En un correo, un amigo me hablaba el otro día del calor de la belleza, de leer y no entender nada (algo relativo a la mecánica cuántica), pero disfrutarlo.

Cúbit, de Vicente Luis Mora, ofrece la cálida belleza de la palabra bien escrita que requiere una lectura atenta y así comprensible. Y como le reprocha Alcio -uno de los personajes-, a su mujer, el que sus ideas sean las de cualquiera, los lugares comunes, los tópicos en su escritura, Vicente trata y consigue en su novela superar todo esto y ofrecernos una novela muy original, desubicada, poliédrica y proteica, que nos ofrece muchos textos con múltiples narradores y cuyo final me recordaba el de relato de Don DeLillo, Momentos humanos de la tercera guerra mundial, la guerra que libran aquí también los humanos y las máquinas, las cuales han dado un paso más en su evolución hasta la IAR, la inteligencia artificial real (la cual, al contrario de lo que creemos, no trabaja para nosotros, sino nosotros para ella); la guerra concluirá con una desconexión de las máquinas.

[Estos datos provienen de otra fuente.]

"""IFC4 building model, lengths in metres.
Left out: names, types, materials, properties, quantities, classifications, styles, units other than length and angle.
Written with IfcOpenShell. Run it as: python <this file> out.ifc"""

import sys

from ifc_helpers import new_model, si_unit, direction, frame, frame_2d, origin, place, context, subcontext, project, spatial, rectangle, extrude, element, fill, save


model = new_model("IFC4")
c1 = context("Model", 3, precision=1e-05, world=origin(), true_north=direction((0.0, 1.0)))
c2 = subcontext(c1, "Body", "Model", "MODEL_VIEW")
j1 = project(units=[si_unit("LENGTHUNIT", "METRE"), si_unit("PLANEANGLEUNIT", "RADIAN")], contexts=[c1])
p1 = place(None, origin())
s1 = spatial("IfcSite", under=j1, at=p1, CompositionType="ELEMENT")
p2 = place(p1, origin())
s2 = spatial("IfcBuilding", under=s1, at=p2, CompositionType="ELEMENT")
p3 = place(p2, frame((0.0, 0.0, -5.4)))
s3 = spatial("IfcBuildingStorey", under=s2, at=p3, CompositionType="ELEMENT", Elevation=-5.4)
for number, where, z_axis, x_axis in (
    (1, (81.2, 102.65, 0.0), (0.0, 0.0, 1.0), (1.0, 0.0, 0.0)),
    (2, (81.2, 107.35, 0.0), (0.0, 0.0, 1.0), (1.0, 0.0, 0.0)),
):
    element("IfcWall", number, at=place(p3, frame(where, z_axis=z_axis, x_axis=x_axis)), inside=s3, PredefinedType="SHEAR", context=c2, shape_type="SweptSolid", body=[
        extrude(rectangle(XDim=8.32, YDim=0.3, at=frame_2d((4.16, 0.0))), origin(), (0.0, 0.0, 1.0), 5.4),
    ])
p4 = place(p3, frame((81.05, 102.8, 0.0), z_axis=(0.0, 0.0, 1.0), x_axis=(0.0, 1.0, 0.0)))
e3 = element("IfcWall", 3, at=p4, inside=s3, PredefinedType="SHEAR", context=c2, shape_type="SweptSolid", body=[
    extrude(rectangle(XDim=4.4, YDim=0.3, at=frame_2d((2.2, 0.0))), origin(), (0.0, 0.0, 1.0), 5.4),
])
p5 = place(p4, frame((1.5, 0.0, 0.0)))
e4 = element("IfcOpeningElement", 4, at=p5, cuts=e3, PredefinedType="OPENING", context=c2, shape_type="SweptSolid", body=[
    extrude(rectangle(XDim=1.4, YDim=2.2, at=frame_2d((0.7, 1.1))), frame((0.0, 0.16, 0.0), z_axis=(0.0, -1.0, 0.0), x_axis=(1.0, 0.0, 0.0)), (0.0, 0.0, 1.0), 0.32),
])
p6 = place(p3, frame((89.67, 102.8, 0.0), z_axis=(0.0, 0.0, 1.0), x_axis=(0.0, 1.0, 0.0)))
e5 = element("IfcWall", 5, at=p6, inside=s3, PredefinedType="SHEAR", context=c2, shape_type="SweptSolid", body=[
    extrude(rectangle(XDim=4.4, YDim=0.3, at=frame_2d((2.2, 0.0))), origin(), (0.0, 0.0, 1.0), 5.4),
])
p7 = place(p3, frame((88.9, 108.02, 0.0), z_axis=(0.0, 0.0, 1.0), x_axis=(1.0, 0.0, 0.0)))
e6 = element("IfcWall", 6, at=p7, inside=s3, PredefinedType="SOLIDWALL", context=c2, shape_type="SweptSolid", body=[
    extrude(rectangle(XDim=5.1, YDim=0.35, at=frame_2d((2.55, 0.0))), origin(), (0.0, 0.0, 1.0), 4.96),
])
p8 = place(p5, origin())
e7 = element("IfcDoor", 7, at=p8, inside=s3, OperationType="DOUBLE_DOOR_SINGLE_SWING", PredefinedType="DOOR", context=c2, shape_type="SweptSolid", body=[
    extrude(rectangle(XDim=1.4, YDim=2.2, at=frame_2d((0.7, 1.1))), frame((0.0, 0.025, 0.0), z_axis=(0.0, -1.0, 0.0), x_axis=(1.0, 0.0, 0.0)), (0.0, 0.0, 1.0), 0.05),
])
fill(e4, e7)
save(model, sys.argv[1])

Y dentro de la novela, una de las grandes creaciones es Cúbit, la que vemos en la cubierta del libro; ni humana ni máquina, tampoco extraterrestre, más bien intraterrestre o supraterrestre, o diluida en la tierra. Paradójicamente la escasa presencia de Cúbit es pura esencia, como la de un mineral denso, ese mercurio que desborda la mesa y cuyo lento avance nos mantiene embobados, aquí subyugados por su inteligencia y lo mejor: por su “personalidad”. Cúbit y los Itrios. El Itrio, cuyo elemento químico es “Y”. ¿Casualidad? No lo sé, pero aquí, el espíritu de la novela, si lo hay, y creo que lo hay, es la de la cópula, la del ineludible hermanamiento, la pretendida fraternidad, el necesitado sentido comunitario, no solo entre los humanos, sino entre todas las formas vivas.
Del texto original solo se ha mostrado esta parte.